Read The Nine Tailors Page 8


  ‘That’s a point,’ said the chief constable. ‘I may say it had already occurred to us. But he must have taken the poison in something.’

  ‘Well, I only say, bear that in mind – that, and the foolishness of the murder, if it was done the way the jury brought it in. But now about this lead-foil capsule. I can tell you something about that. I didn’t intrude myself at the inquest, because I hadn’t got the facts, but I’ve got them now and here they are. You know, gentlemen, it stands to reason, if a capsule was taken off a bottle that day in the study, there must have been a bottle belonging to it. And where is it? It’s got to be somewhere. A bottle’s a bottle, when all’s said and done.

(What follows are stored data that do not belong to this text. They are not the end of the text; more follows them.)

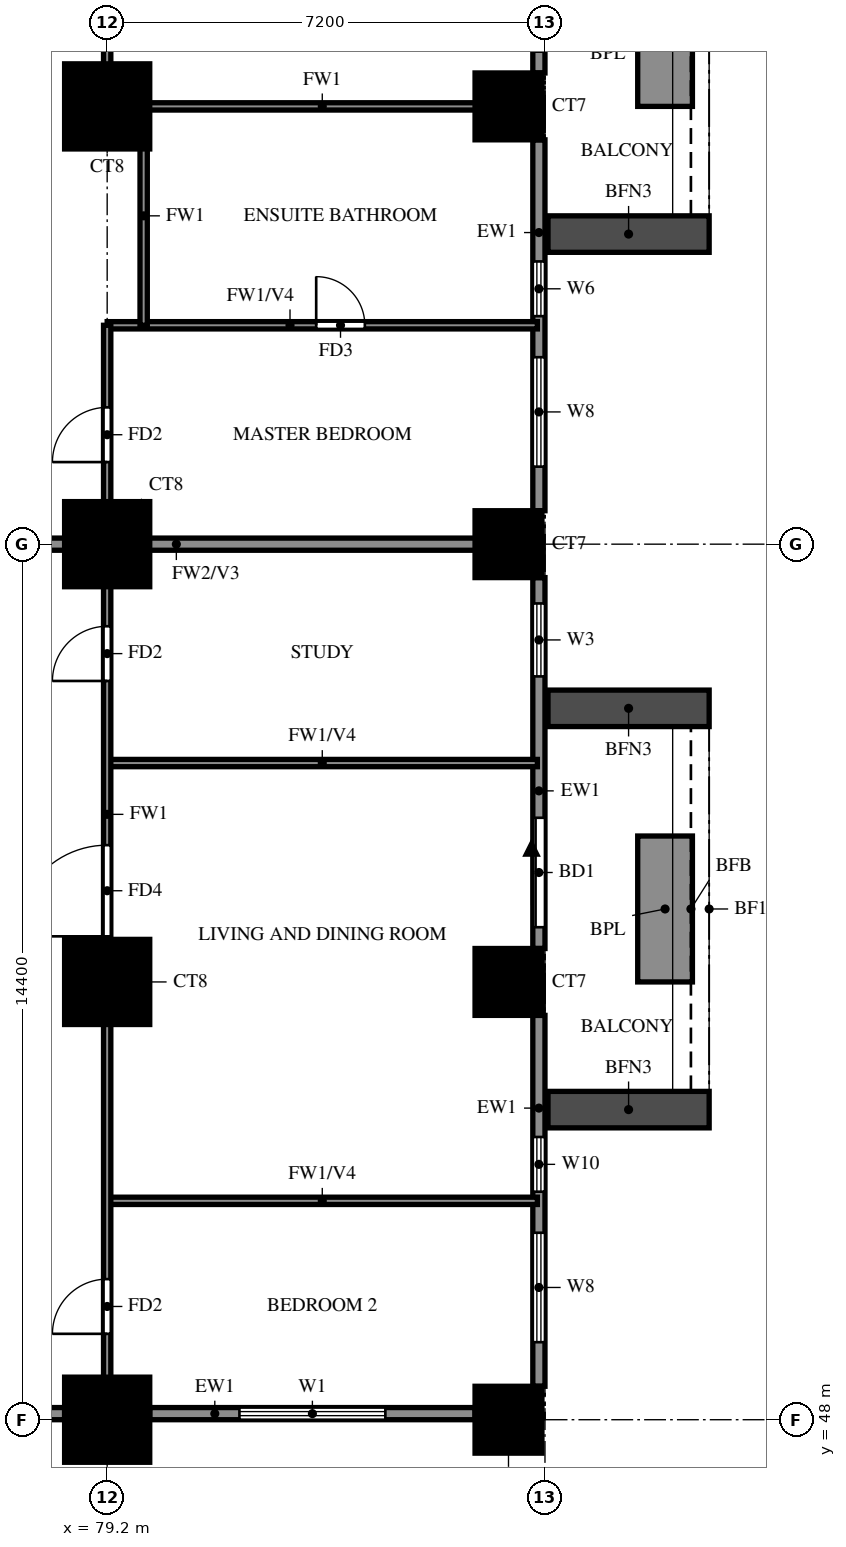
"""IFC4 building model, lengths in metres.
Left out: names, types, materials, properties, quantities, classifications, styles, units other than length and angle.
Written with IfcOpenShell. Run it as: python <this file> out.ifc"""

import sys

from ifc_helpers import new_model, si_unit, direction, frame, frame_2d, origin, origin_2d, place, context, subcontext, project, spatial, rectangle, extrude, source, transform, mapped, element, fill, save


model = new_model("IFC4")
c1 = context("Model", 3, precision=1e-05, world=origin(), true_north=direction((0.0, 1.0)))
c2 = subcontext(c1, "Body", "Model", "MODEL_VIEW")
j1 = project(units=[si_unit("LENGTHUNIT", "METRE"), si_unit("PLANEANGLEUNIT", "RADIAN")], contexts=[c1])
p1 = place(None, origin())
s1 = spatial("IfcSite", under=j1, at=p1, CompositionType="ELEMENT")
p2 = place(p1, origin())
s2 = spatial("IfcBuilding", under=s1, at=p2, CompositionType="ELEMENT")
p3 = place(p2, frame((0.0, 0.0, 48.0)))
s3 = spatial("IfcBuildingStorey", under=s2, at=p3, CompositionType="ELEMENT", Elevation=48.0)
m1 = source(origin(), c2, "Body", "SweptSolid", [
    extrude(rectangle(XDim=1.4, YDim=1.4, at=origin_2d()), origin(), (0.0, 0.0, 1.0), 3.18),
])
p4 = place(p3, frame((79.2, 48.0, 0.0), z_axis=(0.0, 0.0, 1.0), x_axis=(1.0, 0.0, 0.0)))
e1 = element("IfcColumn", 1, at=p4, inside=s3, PredefinedType="COLUMN", context=c2, shape_type="MappedRepresentation", body=[
    mapped(m1, transform((0.0, 0.0, 0.0))),
])
m2 = source(origin(), c2, "Body", "SweptSolid", [
    extrude(rectangle(XDim=1.1, YDim=1.1, at=origin_2d()), origin(), (0.0, 0.0, 1.0), 3.18),
])
p5 = place(p3, frame((85.8, 48.0, 0.0), z_axis=(0.0, 0.0, 1.0), x_axis=(1.0, 0.0, 0.0)))
e2 = element("IfcColumn", 2, at=p5, inside=s3, PredefinedType="COLUMN", context=c2, shape_type="MappedRepresentation", body=[
    mapped(m2, transform((0.0, 0.0, 0.0))),
])
p6 = place(p3, frame((79.2, 55.2, 0.0), z_axis=(0.0, 0.0, 1.0), x_axis=(1.0, 0.0, 0.0)))
e3 = element("IfcColumn", 3, at=p6, inside=s3, PredefinedType="COLUMN", context=c2, shape_type="MappedRepresentation", body=[
    mapped(m1, transform((0.0, 0.0, 0.0))),
])
p7 = place(p3, frame((85.8, 55.2, 0.0), z_axis=(0.0, 0.0, 1.0), x_axis=(1.0, 0.0, 0.0)))
e4 = element("IfcColumn", 4, at=p7, inside=s3, PredefinedType="COLUMN", context=c2, shape_type="MappedRepresentation", body=[
    mapped(m2, transform((0.0, 0.0, 0.0))),
])
p8 = place(p3, frame((79.2, 62.4, 0.0), z_axis=(0.0, 0.0, 1.0), x_axis=(1.0, 0.0, 0.0)))
e5 = element("IfcColumn", 5, at=p8, inside=s3, PredefinedType="COLUMN", context=c2, shape_type="MappedRepresentation", body=[
    mapped(m1, transform((0.0, 0.0, 0.0))),
])
p9 = place(p3, frame((85.8, 62.4, 0.0), z_axis=(0.0, 0.0, 1.0), x_axis=(1.0, 0.0, 0.0)))
e6 = element("IfcColumn", 6, at=p9, inside=s3, PredefinedType="COLUMN", context=c2, shape_type="MappedRepresentation", body=[
    mapped(m2, transform((0.0, 0.0, 0.0))),
])
p10 = place(p3, frame((79.2, 69.6, 0.0), z_axis=(0.0, 0.0, 1.0), x_axis=(1.0, 0.0, 0.0)))
e7 = element("IfcColumn", 7, at=p10, inside=s3, PredefinedType="COLUMN", context=c2, shape_type="MappedRepresentation", body=[
    mapped(m1, transform((0.0, 0.0, 0.0))),
])
p11 = place(p3, frame((85.8, 69.6, 0.0), z_axis=(0.0, 0.0, 1.0), x_axis=(1.0, 0.0, 0.0)))
e8 = element("IfcColumn", 8, at=p11, inside=s3, PredefinedType="COLUMN", context=c2, shape_type="MappedRepresentation", body=[
    mapped(m2, transform((0.0, 0.0, 0.0))),
])
p12 = place(p3, frame((78.74, 41.118, 0.0), z_axis=(0.0, 0.0, 1.0), x_axis=(-0.707106781187, 0.707106781187, 0.0)))
e9 = element("IfcWall", 9, at=p12, inside=s3, PredefinedType="SOLIDWALL", context=c2, shape_type="SweptSolid", body=[
    extrude(rectangle(XDim=9.874, YDim=0.2, at=frame_2d((4.937, 0.0))), origin(), (0.0, 0.0, 1.0), 3.18),
])
p13 = place(p3, frame((71.989, 48.1, 0.0), z_axis=(0.0, 0.0, 1.0), x_axis=(1.0, 0.0, 0.0)))
e10 = element("IfcWall", 10, at=p13, inside=s3, PredefinedType="SOLIDWALL", context=c2, shape_type="SweptSolid", body=[
    extrude(rectangle(XDim=6.511, YDim=0.2, at=frame_2d((3.256, 0.0))), origin(), (0.0, 0.0, 1.0), 3.18),
])
p14 = place(p13, frame((2.206, 0.0, 1.5)))
e11 = element("IfcOpeningElement", 11, at=p14, cuts=e10, PredefinedType="OPENING", context=c2, shape_type="SweptSolid", body=[
    extrude(rectangle(XDim=0.9, YDim=0.9, at=frame_2d((0.45, 0.45))), frame((0.0, 0.11, 0.0), z_axis=(0.0, -1.0, 0.0), x_axis=(1.0, 0.0, 0.0)), (0.0, 0.0, 1.0), 0.22),
])
p15 = place(p3, frame((79.9, 48.1, 0.0), z_axis=(0.0, 0.0, 1.0), x_axis=(1.0, 0.0, 0.0)))
e12 = element("IfcWall", 12, at=p15, inside=s3, PredefinedType="SOLIDWALL", context=c2, shape_type="SweptSolid", body=[
    extrude(rectangle(XDim=5.35, YDim=0.2, at=frame_2d((2.675, 0.0))), origin(), (0.0, 0.0, 1.0), 3.18),
])
p16 = place(p15, frame((1.475, 0.0, 0.6)))
e13 = element("IfcOpeningElement", 13, at=p16, cuts=e12, PredefinedType="OPENING", context=c2, shape_type="SweptSolid", body=[
    extrude(rectangle(XDim=2.4, YDim=2.4, at=frame_2d((1.2, 1.2))), frame((0.0, 0.11, 0.0), z_axis=(0.0, -1.0, 0.0), x_axis=(1.0, 0.0, 0.0)), (0.0, 0.0, 1.0), 0.22),
])
p17 = place(p3, frame((86.3, 48.55, 0.0), z_axis=(0.0, 0.0, 1.0), x_axis=(0.0, 1.0, 0.0)))
e14 = element("IfcWall", 14, at=p17, inside=s3, PredefinedType="SOLIDWALL", context=c2, shape_type="SweptSolid", body=[
    extrude(rectangle(XDim=6.1, YDim=0.2, at=frame_2d((3.05, 0.0))), origin(), (0.0, 0.0, 1.0), 3.18),
])
p18 = place(p17, frame((0.725, 0.0, 0.6)))
e15 = element("IfcOpeningElement", 15, at=p18, cuts=e14, PredefinedType="OPENING", context=c2, shape_type="SweptSolid", body=[
    extrude(rectangle(XDim=1.8, YDim=2.4, at=frame_2d((0.9, 1.2))), frame((0.0, 0.11, 0.0), z_axis=(0.0, -1.0, 0.0), x_axis=(1.0, 0.0, 0.0)), (0.0, 0.0, 1.0), 0.22),
])
p19 = place(p17, frame((3.2, 0.0, 0.6)))
e16 = element("IfcOpeningElement", 16, at=p19, cuts=e14, PredefinedType="OPENING", context=c2, shape_type="SweptSolid", body=[
    extrude(rectangle(XDim=0.9, YDim=2.4, at=frame_2d((0.45, 1.2))), frame((0.0, 0.11, 0.0), z_axis=(0.0, -1.0, 0.0), x_axis=(1.0, 0.0, 0.0)), (0.0, 0.0, 1.0), 0.22),
])
p20 = place(p3, frame((86.3, 55.75, 0.0), z_axis=(0.0, 0.0, 1.0), x_axis=(0.0, 1.0, 0.0)))
e17 = element("IfcWall", 17, at=p20, inside=s3, PredefinedType="SOLIDWALL", context=c2, shape_type="SweptSolid", body=[
    extrude(rectangle(XDim=6.1, YDim=0.2, at=frame_2d((3.05, 0.0))), origin(), (0.0, 0.0, 1.0), 3.18),
])
p21 = place(p20, frame((0.35, 0.0, 0.0)))
e18 = element("IfcOpeningElement", 18, at=p21, cuts=e17, PredefinedType="OPENING", context=c2, shape_type="SweptSolid", body=[
    extrude(rectangle(XDim=1.8, YDim=2.4, at=frame_2d((0.9, 1.2))), frame((0.0, 0.11, 0.0), z_axis=(0.0, -1.0, 0.0), x_axis=(1.0, 0.0, 0.0)), (0.0, 0.0, 1.0), 0.22),
])
p22 = place(p20, frame((4.475, 0.0, 0.6)))
e19 = element("IfcOpeningElement", 19, at=p22, cuts=e17, PredefinedType="OPENING", context=c2, shape_type="SweptSolid", body=[
    extrude(rectangle(XDim=1.2, YDim=2.4, at=frame_2d((0.6, 1.2))), frame((0.0, 0.11, 0.0), z_axis=(0.0, -1.0, 0.0), x_axis=(1.0, 0.0, 0.0)), (0.0, 0.0, 1.0), 0.22),
])
p23 = place(p3, frame((86.3, 62.95, 0.0), z_axis=(0.0, 0.0, 1.0), x_axis=(0.0, 1.0, 0.0)))
e20 = element("IfcWall", 20, at=p23, inside=s3, PredefinedType="SOLIDWALL", context=c2, shape_type="SweptSolid", body=[
    extrude(rectangle(XDim=6.1, YDim=0.2, at=frame_2d((3.05, 0.0))), origin(), (0.0, 0.0, 1.0), 3.18),
])
p24 = place(p23, frame((0.725, 0.0, 0.6)))
e21 = element("IfcOpeningElement", 21, at=p24, cuts=e20, PredefinedType="OPENING", context=c2, shape_type="SweptSolid", body=[
    extrude(rectangle(XDim=1.8, YDim=2.4, at=frame_2d((0.9, 1.2))), frame((0.0, 0.11, 0.0), z_axis=(0.0, -1.0, 0.0), x_axis=(1.0, 0.0, 0.0)), (0.0, 0.0, 1.0), 0.22),
])
p25 = place(p23, frame((3.2, 0.0, 1.5)))
e22 = element("IfcOpeningElement", 22, at=p25, cuts=e20, PredefinedType="OPENING", context=c2, shape_type="SweptSolid", body=[
    extrude(rectangle(XDim=0.9, YDim=0.9, at=frame_2d((0.45, 0.45))), frame((0.0, 0.11, 0.0), z_axis=(0.0, -1.0, 0.0), x_axis=(1.0, 0.0, 0.0)), (0.0, 0.0, 1.0), 0.22),
])
p26 = place(p3, frame((86.3, 70.15, 0.0), z_axis=(0.0, 0.0, 1.0), x_axis=(0.0, 1.0, 0.0)))
e23 = element("IfcWall", 23, at=p26, inside=s3, PredefinedType="SOLIDWALL", context=c2, shape_type="SweptSolid", body=[
    extrude(rectangle(XDim=6.1, YDim=0.2, at=frame_2d((3.05, 0.0))), origin(), (0.0, 0.0, 1.0), 3.18),
])
p27 = place(p26, frame((0.35, 0.0, 0.0)))
e24 = element("IfcOpeningElement", 24, at=p27, cuts=e23, PredefinedType="OPENING", context=c2, shape_type="SweptSolid", body=[
    extrude(rectangle(XDim=1.8, YDim=2.4, at=frame_2d((0.9, 1.2))), frame((0.0, 0.11, 0.0), z_axis=(0.0, -1.0, 0.0), x_axis=(1.0, 0.0, 0.0)), (0.0, 0.0, 1.0), 0.22),
])
p28 = place(p26, frame((4.475, 0.0, 0.6)))
e25 = element("IfcOpeningElement", 25, at=p28, cuts=e23, PredefinedType="OPENING", context=c2, shape_type="SweptSolid", body=[
    extrude(rectangle(XDim=1.2, YDim=2.4, at=frame_2d((0.6, 1.2))), frame((0.0, 0.11, 0.0), z_axis=(0.0, -1.0, 0.0), x_axis=(1.0, 0.0, 0.0)), (0.0, 0.0, 1.0), 0.22),
])
for number, where, z_axis, x_axis in (
    (26, (86.45, 53.1, 0.0), (0.0, 0.0, 1.0), (1.0, 0.0, 0.0)),
    (27, (86.45, 59.7, 0.0), (0.0, 0.0, 1.0), (1.0, 0.0, 0.0)),
):
    element("IfcWall", number, at=place(p3, frame(where, z_axis=z_axis, x_axis=x_axis)), inside=s3, PredefinedType="SOLIDWALL", context=c2, shape_type="SweptSolid", body=[
        extrude(rectangle(XDim=2.65, YDim=0.6, at=frame_2d((1.325, 0.0))), origin(), (0.0, 0.0, 1.0), 2.85),
    ])
p29 = place(p3, frame((88.375, 55.2, 0.0), z_axis=(0.0, 0.0, 1.0), x_axis=(0.0, 1.0, 0.0)))
e28 = element("IfcWall", 28, at=p29, inside=s3, PredefinedType="SOLIDWALL", context=c2, shape_type="SweptSolid", body=[
    extrude(rectangle(XDim=2.4, YDim=0.9, at=frame_2d((1.2, 0.0))), origin(), (0.0, 0.0, 1.0), 0.9),
])
p30 = place(p3, frame((86.45, 67.5, 0.0), z_axis=(0.0, 0.0, 1.0), x_axis=(1.0, 0.0, 0.0)))
e29 = element("IfcWall", 29, at=p30, inside=s3, PredefinedType="SOLIDWALL", context=c2, shape_type="SweptSolid", body=[
    extrude(rectangle(XDim=2.65, YDim=0.6, at=frame_2d((1.325, 0.0))), origin(), (0.0, 0.0, 1.0), 2.85),
])
p31 = place(p3, frame((88.375, 69.6, 0.0), z_axis=(0.0, 0.0, 1.0), x_axis=(0.0, 1.0, 0.0)))
e30 = element("IfcWall", 30, at=p31, inside=s3, PredefinedType="SOLIDWALL", context=c2, shape_type="SweptSolid", body=[
    extrude(rectangle(XDim=2.4, YDim=0.9, at=frame_2d((1.2, 0.0))), origin(), (0.0, 0.0, 1.0), 0.9),
])
p32 = place(p3, frame((74.4, 62.4, 0.0), z_axis=(0.0, 0.0, 1.0), x_axis=(1.0, 0.0, 0.0)))
e31 = element("IfcWall", 31, at=p32, inside=s3, PredefinedType="SOLIDWALL", context=c2, shape_type="SweptSolid", body=[
    extrude(rectangle(XDim=11.875, YDim=0.2, at=frame_2d((5.938, 0.0))), origin(), (0.0, 0.0, 1.0), 3.18),
])
for number, where, z_axis, x_axis in (
    (32, (79.2, 51.6, 0.0), (0.0, 0.0, 1.0), (1.0, 0.0, 0.0)),
    (33, (79.2, 58.8, 0.0), (0.0, 0.0, 1.0), (1.0, 0.0, 0.0)),
):
    element("IfcWall", number, at=place(p3, frame(where, z_axis=z_axis, x_axis=x_axis)), inside=s3, PredefinedType="PARTITIONING", context=c2, shape_type="SweptSolid", body=[
        extrude(rectangle(XDim=7.075, YDim=0.12, at=frame_2d((3.538, 0.0))), origin(), (0.0, 0.0, 1.0), 2.28),
    ])
p33 = place(p3, frame((79.2, 66.0, 0.0), z_axis=(0.0, 0.0, 1.0), x_axis=(1.0, 0.0, 0.0)))
e34 = element("IfcWall", 34, at=p33, inside=s3, PredefinedType="PARTITIONING", context=c2, shape_type="SweptSolid", body=[
    extrude(rectangle(XDim=7.075, YDim=0.12, at=frame_2d((3.538, 0.0))), origin(), (0.0, 0.0, 1.0), 2.28),
])
p34 = place(p33, frame((3.438, 0.0, 0.0)))
e35 = element("IfcOpeningElement", 35, at=p34, cuts=e34, PredefinedType="OPENING", context=c2, shape_type="SweptSolid", body=[
    extrude(rectangle(XDim=0.8, YDim=2.1, at=frame_2d((0.4, 1.05))), frame((0.0, 0.07, 0.0), z_axis=(0.0, -1.0, 0.0), x_axis=(1.0, 0.0, 0.0)), (0.0, 0.0, 1.0), 0.14),
])
p35 = place(p3, frame((79.2, 69.6, 0.0), z_axis=(0.0, 0.0, 1.0), x_axis=(1.0, 0.0, 0.0)))
e36 = element("IfcWall", 36, at=p35, inside=s3, PredefinedType="PARTITIONING", context=c2, shape_type="SweptSolid", body=[
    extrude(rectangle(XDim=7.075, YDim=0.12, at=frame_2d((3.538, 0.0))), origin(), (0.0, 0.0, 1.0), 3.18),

  ‘Now, gentlemen, Mr Whipley dealt with my employers, Plummett & Rose, for over fifty years. It’s an old-established firm. And that capsule was put out by a firm of French shippers who went into liquidation in 1900; Prelatier & Cie was their name, and we were their agents in this country. Now, that capsule came off a bottle of Noyeau sent out by them – you can see the last two letters of the word on the stamp – and we delivered a bottle of Prelatier’s Noyeau to Mr Whipley, with some other samples of liqueur, on June 14, 1893.’

  ‘Noyeau?’ said the coroner, with interest.

  ‘I see that means something to you, doctor,’ said Mr Egg.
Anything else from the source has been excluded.